Employers Worldwide Clamoring for ESG-Skilled Workers
WASHINGTON — More than seven in 10 employers are looking to hire talent for sustainability related initiatives over the next two years according to a study by NTUC LearningHub, which also found that the demand for specialized talent in the environmental space is outpacing that of the social and governance arms of sustainability.
“Sustainability is a very new concept for many companies,” said Tay Ee Learn, director of Technical Skills Product Division at NTUC, a continuing education and training provider in Singapore, in a press release.
“With the growing call to integrate sustainable practices into business models, companies will inevitably be looking for talent to help them develop products or adopt new technologies to support their sustainable initiatives.”
Companies are increasingly committing themselves to environmental, social and corporate governance principles and targets, but these commitments now need to go further towards taking real action, and the transition required may be stalled at a skills gap. Because while the field of ESG matures and demand for talent in sustainability intensifies, it remains particularly difficult to find qualified personnel.
NTUC’s survey of 200 business leaders across different industries in Singapore is echoed by companies in the U.S. that admit American businesses are also battling for ESG talent.
A 2020 CFA Institute report also identified a skills mismatch between ESG needs and workers in the finance sector, as just one example.
In order to move forward with ESG goals, businesses are looking to embed those sustainability strategies into their broader growth strategies as well as ongoing business operations, but it takes problem solving, critical thinking and creativity.

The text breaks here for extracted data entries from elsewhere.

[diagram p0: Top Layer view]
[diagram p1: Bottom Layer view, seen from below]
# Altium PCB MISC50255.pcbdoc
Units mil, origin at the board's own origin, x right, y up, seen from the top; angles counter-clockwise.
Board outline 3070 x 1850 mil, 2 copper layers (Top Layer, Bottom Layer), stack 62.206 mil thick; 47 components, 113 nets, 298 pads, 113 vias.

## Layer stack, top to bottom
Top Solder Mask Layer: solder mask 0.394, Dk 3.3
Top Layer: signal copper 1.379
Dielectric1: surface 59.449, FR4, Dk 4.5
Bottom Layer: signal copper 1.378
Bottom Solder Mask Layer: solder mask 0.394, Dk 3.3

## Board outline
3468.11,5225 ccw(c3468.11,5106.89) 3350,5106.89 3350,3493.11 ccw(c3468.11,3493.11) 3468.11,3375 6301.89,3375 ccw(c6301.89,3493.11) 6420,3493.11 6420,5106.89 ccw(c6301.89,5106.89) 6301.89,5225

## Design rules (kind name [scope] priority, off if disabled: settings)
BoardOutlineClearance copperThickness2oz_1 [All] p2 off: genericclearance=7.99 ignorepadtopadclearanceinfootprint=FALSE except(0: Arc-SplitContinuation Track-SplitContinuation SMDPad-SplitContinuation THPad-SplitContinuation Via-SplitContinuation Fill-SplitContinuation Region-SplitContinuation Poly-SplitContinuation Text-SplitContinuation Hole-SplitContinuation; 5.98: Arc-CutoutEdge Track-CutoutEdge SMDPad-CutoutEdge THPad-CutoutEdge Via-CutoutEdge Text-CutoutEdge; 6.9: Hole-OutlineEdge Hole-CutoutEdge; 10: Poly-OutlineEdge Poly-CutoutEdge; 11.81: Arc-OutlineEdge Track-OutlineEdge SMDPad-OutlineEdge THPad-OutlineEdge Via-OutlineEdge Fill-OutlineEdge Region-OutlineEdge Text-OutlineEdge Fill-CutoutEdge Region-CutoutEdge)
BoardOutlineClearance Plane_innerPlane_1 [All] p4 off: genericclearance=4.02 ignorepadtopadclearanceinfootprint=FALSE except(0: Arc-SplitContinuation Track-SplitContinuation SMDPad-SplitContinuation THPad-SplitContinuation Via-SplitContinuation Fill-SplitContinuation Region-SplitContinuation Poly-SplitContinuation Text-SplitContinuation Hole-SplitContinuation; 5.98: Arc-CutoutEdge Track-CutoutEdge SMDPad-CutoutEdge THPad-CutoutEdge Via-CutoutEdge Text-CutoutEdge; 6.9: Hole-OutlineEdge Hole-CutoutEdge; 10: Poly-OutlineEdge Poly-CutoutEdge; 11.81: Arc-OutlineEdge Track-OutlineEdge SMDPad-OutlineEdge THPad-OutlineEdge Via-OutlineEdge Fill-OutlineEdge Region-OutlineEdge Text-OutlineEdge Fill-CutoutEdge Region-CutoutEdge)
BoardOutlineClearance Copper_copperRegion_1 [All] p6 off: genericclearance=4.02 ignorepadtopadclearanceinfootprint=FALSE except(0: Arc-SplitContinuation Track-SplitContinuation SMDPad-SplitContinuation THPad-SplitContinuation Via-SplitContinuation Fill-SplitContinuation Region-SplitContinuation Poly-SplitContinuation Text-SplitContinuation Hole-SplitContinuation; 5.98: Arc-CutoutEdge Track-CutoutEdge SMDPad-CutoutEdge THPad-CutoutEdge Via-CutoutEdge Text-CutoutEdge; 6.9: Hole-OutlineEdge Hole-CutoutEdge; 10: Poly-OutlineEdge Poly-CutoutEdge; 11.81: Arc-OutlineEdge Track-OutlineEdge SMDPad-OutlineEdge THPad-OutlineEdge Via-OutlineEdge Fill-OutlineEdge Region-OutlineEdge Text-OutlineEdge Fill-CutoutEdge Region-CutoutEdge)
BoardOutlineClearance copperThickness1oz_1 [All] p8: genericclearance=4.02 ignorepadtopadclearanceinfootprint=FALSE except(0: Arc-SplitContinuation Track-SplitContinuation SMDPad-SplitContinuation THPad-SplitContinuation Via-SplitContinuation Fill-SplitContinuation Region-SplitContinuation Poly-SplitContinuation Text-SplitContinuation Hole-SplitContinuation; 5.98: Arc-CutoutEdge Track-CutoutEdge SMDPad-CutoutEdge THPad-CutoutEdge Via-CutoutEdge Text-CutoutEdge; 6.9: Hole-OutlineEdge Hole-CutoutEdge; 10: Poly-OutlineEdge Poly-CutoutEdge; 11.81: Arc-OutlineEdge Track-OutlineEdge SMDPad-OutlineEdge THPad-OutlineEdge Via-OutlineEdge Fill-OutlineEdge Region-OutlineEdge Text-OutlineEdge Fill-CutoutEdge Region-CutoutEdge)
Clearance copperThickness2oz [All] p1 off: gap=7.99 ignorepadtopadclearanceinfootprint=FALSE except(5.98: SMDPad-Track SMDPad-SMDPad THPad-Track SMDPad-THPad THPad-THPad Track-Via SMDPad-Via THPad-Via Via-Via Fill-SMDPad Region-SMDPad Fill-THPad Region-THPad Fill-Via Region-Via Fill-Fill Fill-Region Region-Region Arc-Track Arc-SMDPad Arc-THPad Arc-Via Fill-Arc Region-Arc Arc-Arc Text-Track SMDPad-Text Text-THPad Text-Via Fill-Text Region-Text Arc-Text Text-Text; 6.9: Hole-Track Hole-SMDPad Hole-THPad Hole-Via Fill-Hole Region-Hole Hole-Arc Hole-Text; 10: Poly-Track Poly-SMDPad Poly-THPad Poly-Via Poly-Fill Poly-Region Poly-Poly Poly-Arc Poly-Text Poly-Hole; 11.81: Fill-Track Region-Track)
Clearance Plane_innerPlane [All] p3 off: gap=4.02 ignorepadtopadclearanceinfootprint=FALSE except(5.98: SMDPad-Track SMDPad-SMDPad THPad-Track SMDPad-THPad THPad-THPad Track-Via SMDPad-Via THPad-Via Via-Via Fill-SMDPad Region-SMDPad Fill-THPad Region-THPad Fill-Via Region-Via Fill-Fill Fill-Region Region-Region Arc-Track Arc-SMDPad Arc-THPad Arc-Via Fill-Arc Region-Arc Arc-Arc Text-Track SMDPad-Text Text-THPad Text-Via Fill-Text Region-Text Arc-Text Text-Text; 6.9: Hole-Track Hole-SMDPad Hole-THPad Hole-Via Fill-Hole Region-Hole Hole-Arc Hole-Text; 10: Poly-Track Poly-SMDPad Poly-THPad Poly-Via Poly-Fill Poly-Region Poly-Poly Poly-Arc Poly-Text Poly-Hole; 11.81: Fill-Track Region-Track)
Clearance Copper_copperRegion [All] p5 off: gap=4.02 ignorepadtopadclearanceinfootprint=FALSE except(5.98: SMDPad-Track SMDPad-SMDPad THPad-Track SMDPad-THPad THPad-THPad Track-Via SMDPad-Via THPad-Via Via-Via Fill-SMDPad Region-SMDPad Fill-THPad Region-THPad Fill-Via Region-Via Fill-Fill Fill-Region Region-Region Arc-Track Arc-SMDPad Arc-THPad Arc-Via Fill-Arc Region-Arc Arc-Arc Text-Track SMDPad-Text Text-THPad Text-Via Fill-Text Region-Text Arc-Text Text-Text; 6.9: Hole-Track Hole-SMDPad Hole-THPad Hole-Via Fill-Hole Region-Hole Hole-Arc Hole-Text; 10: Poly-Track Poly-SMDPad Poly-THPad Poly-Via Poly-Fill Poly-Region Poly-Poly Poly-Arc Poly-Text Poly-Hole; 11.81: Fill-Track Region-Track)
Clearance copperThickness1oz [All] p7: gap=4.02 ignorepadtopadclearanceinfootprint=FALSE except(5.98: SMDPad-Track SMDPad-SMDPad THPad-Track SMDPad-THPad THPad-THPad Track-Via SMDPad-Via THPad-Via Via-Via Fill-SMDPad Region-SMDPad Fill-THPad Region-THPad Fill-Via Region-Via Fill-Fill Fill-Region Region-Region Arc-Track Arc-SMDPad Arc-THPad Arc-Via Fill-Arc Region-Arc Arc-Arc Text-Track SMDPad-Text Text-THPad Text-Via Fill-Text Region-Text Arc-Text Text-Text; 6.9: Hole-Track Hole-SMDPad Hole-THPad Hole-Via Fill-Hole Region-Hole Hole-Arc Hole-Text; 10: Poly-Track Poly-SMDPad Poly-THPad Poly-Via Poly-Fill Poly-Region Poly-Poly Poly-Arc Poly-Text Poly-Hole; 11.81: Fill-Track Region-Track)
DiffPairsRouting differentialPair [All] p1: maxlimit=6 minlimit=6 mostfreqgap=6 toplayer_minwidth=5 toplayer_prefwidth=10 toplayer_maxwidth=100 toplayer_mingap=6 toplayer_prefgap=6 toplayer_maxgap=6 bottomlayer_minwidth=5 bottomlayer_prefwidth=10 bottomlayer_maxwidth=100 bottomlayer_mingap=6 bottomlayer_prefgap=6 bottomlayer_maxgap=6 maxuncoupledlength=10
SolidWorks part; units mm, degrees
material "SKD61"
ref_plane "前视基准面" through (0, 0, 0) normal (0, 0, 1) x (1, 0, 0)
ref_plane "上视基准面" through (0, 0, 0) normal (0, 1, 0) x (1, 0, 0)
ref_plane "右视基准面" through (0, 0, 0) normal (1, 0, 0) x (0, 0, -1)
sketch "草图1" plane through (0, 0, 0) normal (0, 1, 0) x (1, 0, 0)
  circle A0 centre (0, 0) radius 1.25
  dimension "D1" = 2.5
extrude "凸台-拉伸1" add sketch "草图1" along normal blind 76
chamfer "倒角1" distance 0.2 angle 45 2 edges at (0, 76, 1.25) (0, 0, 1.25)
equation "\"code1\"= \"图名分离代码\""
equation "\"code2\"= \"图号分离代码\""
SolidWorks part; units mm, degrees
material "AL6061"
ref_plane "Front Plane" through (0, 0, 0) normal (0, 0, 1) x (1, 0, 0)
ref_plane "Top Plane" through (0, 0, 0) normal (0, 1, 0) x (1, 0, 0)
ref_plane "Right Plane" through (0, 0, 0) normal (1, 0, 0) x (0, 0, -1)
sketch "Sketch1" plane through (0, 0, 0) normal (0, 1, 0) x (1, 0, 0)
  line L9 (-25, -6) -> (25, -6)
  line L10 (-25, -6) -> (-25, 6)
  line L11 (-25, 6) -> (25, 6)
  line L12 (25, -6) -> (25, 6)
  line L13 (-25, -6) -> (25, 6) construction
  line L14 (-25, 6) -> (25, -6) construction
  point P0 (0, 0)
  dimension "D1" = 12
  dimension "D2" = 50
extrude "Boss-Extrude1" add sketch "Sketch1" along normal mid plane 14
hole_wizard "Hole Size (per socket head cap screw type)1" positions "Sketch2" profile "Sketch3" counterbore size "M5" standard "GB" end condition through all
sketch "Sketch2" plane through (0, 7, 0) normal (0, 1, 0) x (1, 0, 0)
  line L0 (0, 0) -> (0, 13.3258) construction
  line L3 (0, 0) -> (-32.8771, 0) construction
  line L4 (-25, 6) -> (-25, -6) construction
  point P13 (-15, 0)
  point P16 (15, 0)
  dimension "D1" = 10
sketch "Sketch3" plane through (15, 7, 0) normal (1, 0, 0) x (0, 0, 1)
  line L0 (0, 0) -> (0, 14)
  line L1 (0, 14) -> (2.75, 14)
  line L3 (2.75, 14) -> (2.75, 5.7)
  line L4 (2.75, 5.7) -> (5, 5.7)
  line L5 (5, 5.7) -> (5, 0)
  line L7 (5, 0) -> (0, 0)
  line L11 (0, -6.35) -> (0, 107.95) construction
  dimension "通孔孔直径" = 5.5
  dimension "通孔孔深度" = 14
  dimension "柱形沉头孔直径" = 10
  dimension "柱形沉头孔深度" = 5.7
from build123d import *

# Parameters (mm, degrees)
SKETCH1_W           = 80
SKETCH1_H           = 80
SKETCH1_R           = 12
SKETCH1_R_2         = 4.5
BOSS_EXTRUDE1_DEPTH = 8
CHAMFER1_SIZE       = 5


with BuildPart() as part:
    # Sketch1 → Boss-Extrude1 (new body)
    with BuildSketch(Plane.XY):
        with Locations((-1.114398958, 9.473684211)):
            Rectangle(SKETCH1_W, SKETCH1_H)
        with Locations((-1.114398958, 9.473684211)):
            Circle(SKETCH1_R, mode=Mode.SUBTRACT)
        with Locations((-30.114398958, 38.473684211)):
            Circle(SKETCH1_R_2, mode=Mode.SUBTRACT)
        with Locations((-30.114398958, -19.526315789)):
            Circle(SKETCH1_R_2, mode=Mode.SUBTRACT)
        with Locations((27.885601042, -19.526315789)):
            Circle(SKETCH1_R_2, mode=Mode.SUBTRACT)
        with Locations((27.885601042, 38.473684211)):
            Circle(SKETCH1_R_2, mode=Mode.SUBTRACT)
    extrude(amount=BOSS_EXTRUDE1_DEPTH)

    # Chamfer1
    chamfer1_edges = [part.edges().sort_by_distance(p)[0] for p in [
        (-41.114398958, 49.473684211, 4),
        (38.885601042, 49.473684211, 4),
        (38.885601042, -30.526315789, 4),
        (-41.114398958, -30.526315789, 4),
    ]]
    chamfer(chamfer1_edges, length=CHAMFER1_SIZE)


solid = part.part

In fact, according to NTUC’s survey, the top three skills related to sustainability that employers say would be useful for their organization are environment and social governance (44%), followed by carbon footprint management (40%) and sustainable business strategies (39%).
In addition to domain knowledge in sustainability, business leaders also consider the value critical core skills can bring in the development of sustainability initiatives, regardless of sector or job roles. The top three critical core skills include problem solving (52%), creative thinking (44%) and collaboration (44%).
“Employers could consider recruiting new talent or developing their current workforce by equipping them with the right skills,” Tay Ee Learn said. “For job seekers, they can ride on this emerging trend and enroll in relevant training courses to equip themselves with the necessary skills as companies embarking on their sustainability journey will be starting to look for talents in this space.”
Since businesses are starting to think more holistically about sustainability, these findings suggest that it would behoove anyone planning for their career to include a focus on sustainability, but especially those in professional services — from accounting to supply chain management, risk management and innovation.
Universities like Harvard, Cornell, and the Warwick Business School have begun to offer “green MBA” programs to better prepare graduates to take on a range of sustainability challenges, and prepare workers to meet the specialized talent needs of companies worldwide.
Despite these new programs, however, the immediate skills shortage remains very real and might prevent or hamper the achievement of ESG goals.